2. When a user performs a “ View Live” operation on the Sports Display Application

running on their mobile device, they are asked for the servers URL. Once entered a

GPRS connection is created over the Internet to the web server at that URL. A list

of files that are available for download/stream will be returned by the Sports

Display servlet running on the web server.

3. The user decides which file to view and selects the file. This sends a request to the

servlet for that file. The servlet then reads the associated TOF file, creates a

specialized byte array and returns it to the mobile device.

4. The mobile device then displays the animation and saves the file for future

viewing.

38

9 Sports Display Servlet

9.1 Introduction

In the previous section the high level view of the full system was presented. In this

section a detailed description of the Sports Display Servlet will be given.

The Sports Display Servlet is the connection point between the content creation stage

and the animation display stage. There are two main operations that the Sports

Display Servlet performs.

1. On request, returns a list of files to the Sports Display user that are available for

download – this is a pull operation for the mobile device.

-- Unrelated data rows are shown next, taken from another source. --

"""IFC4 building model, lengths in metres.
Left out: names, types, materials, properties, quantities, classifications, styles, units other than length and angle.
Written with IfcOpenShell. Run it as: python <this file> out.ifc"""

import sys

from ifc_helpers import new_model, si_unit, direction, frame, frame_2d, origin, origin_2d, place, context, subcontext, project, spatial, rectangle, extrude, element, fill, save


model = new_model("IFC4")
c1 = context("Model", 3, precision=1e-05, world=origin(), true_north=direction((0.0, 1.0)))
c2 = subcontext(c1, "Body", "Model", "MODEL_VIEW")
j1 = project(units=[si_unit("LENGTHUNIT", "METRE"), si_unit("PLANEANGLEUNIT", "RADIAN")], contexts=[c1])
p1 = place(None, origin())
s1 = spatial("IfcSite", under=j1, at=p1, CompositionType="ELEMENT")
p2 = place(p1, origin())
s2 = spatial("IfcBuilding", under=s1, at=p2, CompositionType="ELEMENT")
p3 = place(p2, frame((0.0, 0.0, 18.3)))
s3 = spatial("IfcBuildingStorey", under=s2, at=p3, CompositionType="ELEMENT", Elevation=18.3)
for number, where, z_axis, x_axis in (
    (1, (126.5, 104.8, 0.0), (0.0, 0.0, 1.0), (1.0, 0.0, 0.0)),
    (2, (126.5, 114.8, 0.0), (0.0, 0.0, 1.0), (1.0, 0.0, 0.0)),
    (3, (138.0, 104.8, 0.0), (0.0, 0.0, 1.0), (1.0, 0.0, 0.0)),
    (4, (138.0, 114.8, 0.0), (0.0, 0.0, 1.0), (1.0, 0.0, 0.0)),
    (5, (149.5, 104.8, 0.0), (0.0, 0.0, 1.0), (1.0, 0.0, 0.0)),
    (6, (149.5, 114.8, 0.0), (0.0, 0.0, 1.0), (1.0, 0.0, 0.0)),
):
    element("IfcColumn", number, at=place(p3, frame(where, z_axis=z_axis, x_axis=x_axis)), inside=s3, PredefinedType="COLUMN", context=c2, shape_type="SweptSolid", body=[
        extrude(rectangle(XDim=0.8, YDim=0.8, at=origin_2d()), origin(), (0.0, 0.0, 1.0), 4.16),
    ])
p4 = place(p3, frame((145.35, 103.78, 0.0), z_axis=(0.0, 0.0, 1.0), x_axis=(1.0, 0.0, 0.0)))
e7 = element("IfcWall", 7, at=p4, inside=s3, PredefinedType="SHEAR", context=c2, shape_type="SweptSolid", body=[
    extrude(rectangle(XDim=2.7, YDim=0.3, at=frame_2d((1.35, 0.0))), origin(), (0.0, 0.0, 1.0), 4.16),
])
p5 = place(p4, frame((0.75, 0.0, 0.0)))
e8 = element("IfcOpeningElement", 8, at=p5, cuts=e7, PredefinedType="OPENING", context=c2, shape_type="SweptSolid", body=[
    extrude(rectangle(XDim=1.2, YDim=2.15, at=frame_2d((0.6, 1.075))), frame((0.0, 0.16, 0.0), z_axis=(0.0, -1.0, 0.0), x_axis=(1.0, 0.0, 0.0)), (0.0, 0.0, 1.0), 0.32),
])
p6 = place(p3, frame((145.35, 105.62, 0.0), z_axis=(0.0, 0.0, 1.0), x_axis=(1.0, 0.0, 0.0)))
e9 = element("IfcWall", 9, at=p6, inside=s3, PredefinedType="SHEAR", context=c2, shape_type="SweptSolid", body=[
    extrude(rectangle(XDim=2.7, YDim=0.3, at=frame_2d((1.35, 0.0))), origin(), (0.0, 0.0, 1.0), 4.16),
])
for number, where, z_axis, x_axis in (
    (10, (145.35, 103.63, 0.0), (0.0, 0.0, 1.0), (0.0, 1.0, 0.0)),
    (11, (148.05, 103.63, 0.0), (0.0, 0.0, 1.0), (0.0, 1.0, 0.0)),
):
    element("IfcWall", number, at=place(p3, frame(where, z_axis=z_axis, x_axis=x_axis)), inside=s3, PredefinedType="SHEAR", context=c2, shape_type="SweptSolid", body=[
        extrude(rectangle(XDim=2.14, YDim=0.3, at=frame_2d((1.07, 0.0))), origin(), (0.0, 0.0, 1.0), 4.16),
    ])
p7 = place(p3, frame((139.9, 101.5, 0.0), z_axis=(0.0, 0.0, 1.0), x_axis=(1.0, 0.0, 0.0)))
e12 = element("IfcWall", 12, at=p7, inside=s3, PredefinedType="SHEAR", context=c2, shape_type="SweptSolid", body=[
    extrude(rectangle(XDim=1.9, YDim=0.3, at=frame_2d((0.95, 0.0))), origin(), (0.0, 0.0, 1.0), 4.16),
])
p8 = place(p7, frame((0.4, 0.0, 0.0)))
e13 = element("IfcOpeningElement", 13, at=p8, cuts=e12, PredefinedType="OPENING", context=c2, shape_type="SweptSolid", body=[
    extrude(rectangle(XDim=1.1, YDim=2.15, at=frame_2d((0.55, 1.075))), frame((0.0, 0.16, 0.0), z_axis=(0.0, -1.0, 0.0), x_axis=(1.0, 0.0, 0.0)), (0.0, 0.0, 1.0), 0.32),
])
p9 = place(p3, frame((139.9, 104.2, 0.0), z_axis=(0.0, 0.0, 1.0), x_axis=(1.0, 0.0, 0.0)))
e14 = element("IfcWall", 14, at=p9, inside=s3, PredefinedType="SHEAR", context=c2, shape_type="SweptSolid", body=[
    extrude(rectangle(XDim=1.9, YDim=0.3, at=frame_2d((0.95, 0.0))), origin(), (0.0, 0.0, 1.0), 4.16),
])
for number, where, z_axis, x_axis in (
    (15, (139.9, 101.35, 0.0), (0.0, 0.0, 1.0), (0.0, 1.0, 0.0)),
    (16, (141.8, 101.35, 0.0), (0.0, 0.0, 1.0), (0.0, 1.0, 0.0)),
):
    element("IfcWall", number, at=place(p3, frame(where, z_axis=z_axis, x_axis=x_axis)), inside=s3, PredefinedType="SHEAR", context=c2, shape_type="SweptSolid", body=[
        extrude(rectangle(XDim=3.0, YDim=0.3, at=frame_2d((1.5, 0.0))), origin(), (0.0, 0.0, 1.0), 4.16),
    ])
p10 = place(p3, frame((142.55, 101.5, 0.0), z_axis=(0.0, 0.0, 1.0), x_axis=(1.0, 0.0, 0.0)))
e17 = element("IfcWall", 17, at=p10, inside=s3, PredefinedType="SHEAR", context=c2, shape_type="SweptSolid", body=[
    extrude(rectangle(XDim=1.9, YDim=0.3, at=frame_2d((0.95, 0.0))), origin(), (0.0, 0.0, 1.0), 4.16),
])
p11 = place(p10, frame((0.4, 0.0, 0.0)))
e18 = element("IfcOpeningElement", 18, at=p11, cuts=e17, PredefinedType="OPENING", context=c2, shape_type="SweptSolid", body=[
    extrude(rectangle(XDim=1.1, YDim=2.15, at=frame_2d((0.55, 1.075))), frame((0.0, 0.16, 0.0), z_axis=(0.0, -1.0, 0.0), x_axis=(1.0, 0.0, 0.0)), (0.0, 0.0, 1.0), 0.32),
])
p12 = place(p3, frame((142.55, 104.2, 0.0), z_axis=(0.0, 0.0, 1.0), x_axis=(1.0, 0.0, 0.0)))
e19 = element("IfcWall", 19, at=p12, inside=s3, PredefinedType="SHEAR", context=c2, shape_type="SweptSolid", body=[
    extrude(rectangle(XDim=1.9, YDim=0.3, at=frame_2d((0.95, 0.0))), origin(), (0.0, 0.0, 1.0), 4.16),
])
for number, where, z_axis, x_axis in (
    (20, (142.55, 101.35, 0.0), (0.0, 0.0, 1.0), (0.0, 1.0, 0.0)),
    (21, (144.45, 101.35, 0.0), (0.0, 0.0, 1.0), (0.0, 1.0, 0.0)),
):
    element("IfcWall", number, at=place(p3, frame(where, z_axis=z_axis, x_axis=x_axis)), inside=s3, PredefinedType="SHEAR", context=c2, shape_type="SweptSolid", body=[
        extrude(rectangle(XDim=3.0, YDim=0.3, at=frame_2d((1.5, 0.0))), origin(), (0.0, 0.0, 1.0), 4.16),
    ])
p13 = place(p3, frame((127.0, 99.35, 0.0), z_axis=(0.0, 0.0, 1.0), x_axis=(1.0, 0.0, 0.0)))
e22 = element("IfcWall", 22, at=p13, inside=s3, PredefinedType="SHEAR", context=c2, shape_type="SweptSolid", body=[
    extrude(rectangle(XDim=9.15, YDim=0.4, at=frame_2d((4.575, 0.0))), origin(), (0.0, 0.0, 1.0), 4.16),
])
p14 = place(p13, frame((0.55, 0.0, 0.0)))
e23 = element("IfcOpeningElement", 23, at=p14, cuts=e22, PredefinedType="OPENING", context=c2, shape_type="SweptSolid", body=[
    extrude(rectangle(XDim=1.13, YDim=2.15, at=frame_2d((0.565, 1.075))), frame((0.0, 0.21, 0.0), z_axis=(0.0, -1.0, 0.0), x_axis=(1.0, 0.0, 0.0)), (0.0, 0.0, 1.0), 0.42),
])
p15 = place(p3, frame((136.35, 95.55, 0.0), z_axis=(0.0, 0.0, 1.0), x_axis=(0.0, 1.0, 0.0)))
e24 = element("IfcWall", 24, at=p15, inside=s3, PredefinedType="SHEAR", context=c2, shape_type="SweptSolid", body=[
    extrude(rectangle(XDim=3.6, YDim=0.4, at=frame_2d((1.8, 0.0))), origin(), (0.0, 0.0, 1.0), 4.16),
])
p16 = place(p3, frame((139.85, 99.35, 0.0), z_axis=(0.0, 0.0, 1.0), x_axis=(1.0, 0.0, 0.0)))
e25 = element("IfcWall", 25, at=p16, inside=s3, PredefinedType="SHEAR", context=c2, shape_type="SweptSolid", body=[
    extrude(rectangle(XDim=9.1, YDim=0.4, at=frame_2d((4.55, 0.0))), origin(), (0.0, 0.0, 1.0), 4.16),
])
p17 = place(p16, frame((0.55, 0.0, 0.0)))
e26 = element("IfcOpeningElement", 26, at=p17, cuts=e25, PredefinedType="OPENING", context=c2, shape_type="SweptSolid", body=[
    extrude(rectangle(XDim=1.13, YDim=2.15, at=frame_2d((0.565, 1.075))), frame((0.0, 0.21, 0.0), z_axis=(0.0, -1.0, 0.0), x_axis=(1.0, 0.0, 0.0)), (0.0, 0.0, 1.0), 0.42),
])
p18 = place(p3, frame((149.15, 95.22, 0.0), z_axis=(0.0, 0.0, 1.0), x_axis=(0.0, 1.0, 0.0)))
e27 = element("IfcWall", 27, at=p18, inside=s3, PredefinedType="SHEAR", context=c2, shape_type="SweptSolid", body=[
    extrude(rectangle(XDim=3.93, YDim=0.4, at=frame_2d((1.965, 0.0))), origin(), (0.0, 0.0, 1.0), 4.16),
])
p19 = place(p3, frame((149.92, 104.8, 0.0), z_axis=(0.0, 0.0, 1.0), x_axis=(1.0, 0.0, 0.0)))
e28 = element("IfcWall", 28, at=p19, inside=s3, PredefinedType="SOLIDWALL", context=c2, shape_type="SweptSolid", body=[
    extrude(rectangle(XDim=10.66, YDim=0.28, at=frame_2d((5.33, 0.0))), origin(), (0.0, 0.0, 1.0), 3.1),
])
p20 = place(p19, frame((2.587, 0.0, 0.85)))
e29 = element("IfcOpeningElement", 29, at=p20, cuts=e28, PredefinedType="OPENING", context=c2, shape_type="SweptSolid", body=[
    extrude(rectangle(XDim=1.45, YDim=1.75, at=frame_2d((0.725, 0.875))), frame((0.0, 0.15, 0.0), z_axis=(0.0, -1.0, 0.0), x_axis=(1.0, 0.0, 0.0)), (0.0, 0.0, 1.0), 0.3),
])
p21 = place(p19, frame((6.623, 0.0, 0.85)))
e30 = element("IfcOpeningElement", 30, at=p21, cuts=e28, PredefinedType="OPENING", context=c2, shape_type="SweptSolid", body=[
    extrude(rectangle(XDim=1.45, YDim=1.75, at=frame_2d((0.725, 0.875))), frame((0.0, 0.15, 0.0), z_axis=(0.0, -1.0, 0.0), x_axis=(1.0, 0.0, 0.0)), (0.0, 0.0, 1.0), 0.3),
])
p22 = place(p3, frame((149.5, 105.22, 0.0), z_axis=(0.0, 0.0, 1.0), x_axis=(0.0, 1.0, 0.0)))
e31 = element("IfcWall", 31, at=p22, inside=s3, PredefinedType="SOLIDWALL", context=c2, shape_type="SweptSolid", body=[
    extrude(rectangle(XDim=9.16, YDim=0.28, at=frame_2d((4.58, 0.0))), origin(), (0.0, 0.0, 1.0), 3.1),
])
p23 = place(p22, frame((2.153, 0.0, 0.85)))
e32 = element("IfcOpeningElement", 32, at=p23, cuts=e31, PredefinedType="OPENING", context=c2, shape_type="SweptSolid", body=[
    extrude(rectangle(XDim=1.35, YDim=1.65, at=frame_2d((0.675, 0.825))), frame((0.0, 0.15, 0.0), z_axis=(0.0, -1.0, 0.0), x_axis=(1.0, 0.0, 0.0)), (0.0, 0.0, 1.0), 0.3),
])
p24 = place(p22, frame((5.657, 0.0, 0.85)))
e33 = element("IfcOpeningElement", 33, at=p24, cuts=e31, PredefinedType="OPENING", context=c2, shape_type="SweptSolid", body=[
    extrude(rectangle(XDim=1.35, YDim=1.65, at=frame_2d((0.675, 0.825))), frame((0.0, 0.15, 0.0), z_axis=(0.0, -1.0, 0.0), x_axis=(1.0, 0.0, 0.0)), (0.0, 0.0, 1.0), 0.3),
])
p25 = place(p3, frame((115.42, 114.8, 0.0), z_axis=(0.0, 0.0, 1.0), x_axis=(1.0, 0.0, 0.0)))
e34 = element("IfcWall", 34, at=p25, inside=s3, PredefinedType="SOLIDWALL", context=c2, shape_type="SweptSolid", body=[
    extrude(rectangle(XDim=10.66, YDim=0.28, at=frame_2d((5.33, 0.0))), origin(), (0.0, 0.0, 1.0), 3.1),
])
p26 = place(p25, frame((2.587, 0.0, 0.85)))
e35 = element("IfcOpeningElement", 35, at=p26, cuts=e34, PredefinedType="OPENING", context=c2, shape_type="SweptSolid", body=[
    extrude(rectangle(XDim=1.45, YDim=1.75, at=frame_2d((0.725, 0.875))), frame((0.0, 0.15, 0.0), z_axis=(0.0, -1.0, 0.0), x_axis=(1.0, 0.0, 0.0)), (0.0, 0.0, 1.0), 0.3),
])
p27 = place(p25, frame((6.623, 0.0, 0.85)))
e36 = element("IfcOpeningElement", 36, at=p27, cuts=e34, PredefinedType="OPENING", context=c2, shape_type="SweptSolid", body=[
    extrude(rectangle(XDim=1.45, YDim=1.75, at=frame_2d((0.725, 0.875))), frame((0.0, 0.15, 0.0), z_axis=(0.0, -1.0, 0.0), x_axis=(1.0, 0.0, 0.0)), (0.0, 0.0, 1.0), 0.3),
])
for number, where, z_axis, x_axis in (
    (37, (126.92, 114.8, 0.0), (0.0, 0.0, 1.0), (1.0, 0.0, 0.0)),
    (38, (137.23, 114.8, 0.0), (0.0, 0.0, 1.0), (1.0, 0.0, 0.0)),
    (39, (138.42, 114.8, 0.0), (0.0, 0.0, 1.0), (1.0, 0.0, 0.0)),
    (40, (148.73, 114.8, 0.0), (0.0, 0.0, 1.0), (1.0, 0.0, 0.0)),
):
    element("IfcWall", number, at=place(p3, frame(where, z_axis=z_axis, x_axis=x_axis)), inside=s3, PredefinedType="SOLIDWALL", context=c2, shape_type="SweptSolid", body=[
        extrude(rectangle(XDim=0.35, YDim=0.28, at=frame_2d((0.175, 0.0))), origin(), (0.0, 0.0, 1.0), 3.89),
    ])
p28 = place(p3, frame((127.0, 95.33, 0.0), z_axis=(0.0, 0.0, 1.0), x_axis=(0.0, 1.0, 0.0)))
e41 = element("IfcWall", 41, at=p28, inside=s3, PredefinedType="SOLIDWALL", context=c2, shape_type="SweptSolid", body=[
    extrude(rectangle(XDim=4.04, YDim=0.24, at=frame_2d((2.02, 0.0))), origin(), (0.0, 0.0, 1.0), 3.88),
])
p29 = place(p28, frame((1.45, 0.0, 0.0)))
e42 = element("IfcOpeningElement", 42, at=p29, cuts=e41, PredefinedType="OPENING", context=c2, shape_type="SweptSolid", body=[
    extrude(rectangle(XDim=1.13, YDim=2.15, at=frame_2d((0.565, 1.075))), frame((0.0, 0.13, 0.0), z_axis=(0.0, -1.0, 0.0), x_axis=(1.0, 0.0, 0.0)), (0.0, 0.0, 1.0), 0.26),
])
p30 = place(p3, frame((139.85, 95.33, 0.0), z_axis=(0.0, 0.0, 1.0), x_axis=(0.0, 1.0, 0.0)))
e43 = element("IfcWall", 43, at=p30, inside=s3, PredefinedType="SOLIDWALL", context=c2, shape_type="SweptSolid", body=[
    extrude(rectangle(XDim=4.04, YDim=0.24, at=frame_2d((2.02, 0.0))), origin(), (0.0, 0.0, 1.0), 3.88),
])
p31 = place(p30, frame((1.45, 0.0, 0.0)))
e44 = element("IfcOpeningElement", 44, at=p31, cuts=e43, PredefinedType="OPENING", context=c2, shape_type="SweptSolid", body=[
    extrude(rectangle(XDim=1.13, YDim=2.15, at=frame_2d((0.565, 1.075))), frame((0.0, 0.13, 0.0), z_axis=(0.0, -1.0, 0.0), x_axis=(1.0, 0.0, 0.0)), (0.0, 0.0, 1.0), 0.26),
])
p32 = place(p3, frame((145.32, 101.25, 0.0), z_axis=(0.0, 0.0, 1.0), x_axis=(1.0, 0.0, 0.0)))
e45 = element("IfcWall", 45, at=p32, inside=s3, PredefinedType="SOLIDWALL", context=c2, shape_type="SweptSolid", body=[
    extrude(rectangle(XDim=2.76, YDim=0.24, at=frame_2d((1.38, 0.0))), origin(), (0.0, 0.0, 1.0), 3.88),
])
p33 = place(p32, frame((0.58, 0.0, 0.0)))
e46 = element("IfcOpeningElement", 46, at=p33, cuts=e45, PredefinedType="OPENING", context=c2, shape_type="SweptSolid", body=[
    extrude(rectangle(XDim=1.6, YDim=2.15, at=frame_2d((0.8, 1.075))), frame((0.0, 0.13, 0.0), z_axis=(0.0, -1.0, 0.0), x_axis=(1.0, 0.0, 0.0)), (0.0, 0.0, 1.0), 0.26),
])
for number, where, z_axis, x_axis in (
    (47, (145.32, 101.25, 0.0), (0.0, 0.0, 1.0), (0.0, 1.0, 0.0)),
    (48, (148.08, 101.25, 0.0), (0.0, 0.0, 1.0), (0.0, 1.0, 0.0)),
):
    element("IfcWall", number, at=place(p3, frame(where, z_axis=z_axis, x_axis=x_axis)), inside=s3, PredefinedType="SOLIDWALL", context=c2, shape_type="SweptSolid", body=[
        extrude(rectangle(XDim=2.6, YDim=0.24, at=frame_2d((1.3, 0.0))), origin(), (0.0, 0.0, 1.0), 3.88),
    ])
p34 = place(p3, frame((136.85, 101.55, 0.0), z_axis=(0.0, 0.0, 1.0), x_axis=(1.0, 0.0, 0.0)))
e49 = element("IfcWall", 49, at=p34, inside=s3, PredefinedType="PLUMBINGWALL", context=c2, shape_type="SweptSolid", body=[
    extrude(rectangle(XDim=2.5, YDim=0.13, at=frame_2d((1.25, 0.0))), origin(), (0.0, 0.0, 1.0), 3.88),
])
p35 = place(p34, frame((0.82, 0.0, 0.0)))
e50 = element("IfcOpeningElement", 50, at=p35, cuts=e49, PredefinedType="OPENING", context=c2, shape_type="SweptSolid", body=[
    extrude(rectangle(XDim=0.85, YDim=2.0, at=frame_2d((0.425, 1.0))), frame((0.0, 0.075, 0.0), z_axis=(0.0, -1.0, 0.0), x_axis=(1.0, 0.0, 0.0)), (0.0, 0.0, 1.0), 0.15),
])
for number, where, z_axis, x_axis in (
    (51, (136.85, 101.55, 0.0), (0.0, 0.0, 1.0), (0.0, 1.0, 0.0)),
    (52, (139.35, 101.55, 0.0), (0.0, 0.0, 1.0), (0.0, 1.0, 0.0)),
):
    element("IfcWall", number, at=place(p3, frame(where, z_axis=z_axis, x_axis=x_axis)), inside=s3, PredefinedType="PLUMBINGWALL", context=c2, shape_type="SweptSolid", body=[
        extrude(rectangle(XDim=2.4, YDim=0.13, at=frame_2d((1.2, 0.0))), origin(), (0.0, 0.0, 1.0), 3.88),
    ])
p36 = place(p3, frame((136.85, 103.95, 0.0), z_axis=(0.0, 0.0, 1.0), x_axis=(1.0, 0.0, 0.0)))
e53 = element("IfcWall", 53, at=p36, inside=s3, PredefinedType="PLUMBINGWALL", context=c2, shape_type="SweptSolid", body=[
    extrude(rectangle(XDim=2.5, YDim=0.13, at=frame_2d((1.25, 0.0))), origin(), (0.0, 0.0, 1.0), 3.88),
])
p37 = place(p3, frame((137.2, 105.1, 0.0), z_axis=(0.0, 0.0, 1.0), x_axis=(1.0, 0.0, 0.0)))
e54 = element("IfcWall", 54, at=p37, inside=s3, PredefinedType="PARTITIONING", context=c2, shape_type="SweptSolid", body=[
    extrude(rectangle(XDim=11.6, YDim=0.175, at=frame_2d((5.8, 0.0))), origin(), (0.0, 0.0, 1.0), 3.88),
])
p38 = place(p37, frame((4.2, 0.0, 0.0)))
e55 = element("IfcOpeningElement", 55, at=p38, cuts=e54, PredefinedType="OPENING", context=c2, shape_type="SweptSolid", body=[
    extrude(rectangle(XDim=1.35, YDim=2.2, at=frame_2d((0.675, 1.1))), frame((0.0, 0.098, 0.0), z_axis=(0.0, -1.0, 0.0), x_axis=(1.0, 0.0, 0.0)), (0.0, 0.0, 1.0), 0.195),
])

2. Given a file request from a Sports Display user, it converts the correct TOF file

into a download optimized device specific byte stream and returns the stream to

the mobile device – this is a pull operation for the mobile device.

9.2 File Information Requests

Before the Sports Display Application can request a particular file for download, it

must first know what files are available for download. When the mobile device

connects to the servlet, it appends “ ?info=files” to the URL. When the servlet sees

this request, it knows that the user wants a list of available files for download. The

servlet keeps a track of available TOF files in its upload directory. A TOF file does

not become available unless it is in the correct format. The servlet then simply returns

a list of files that are available for download.

9.3 File Download Requests

When the Sports Display Application makes a download request to the server it

appends several pieces of information to the URL.

39

1. The name of the file requested for download.

2. The width (resolution) of the viewable screen area. (If not given defaults to 128)

3. The height (resolution) of the viewable screen area. (If not given defaults to 75%

of width)

For example the URL may look like:

http://www.someaddress.com/servlet/DownloadServlet?file=Example.tof&width=128

The server can then use this information to tailer the response for the specific device.

9.4 File Download Response Format

As the cost to download the animation to a mobile device is directly proportional to

the size of the file, creating an efficient file format was very important. In addition to

this, MIDP 1.0 devices (the version of Java that runs on the second generation of

mobile phones) does not have a division operator or floating point precision.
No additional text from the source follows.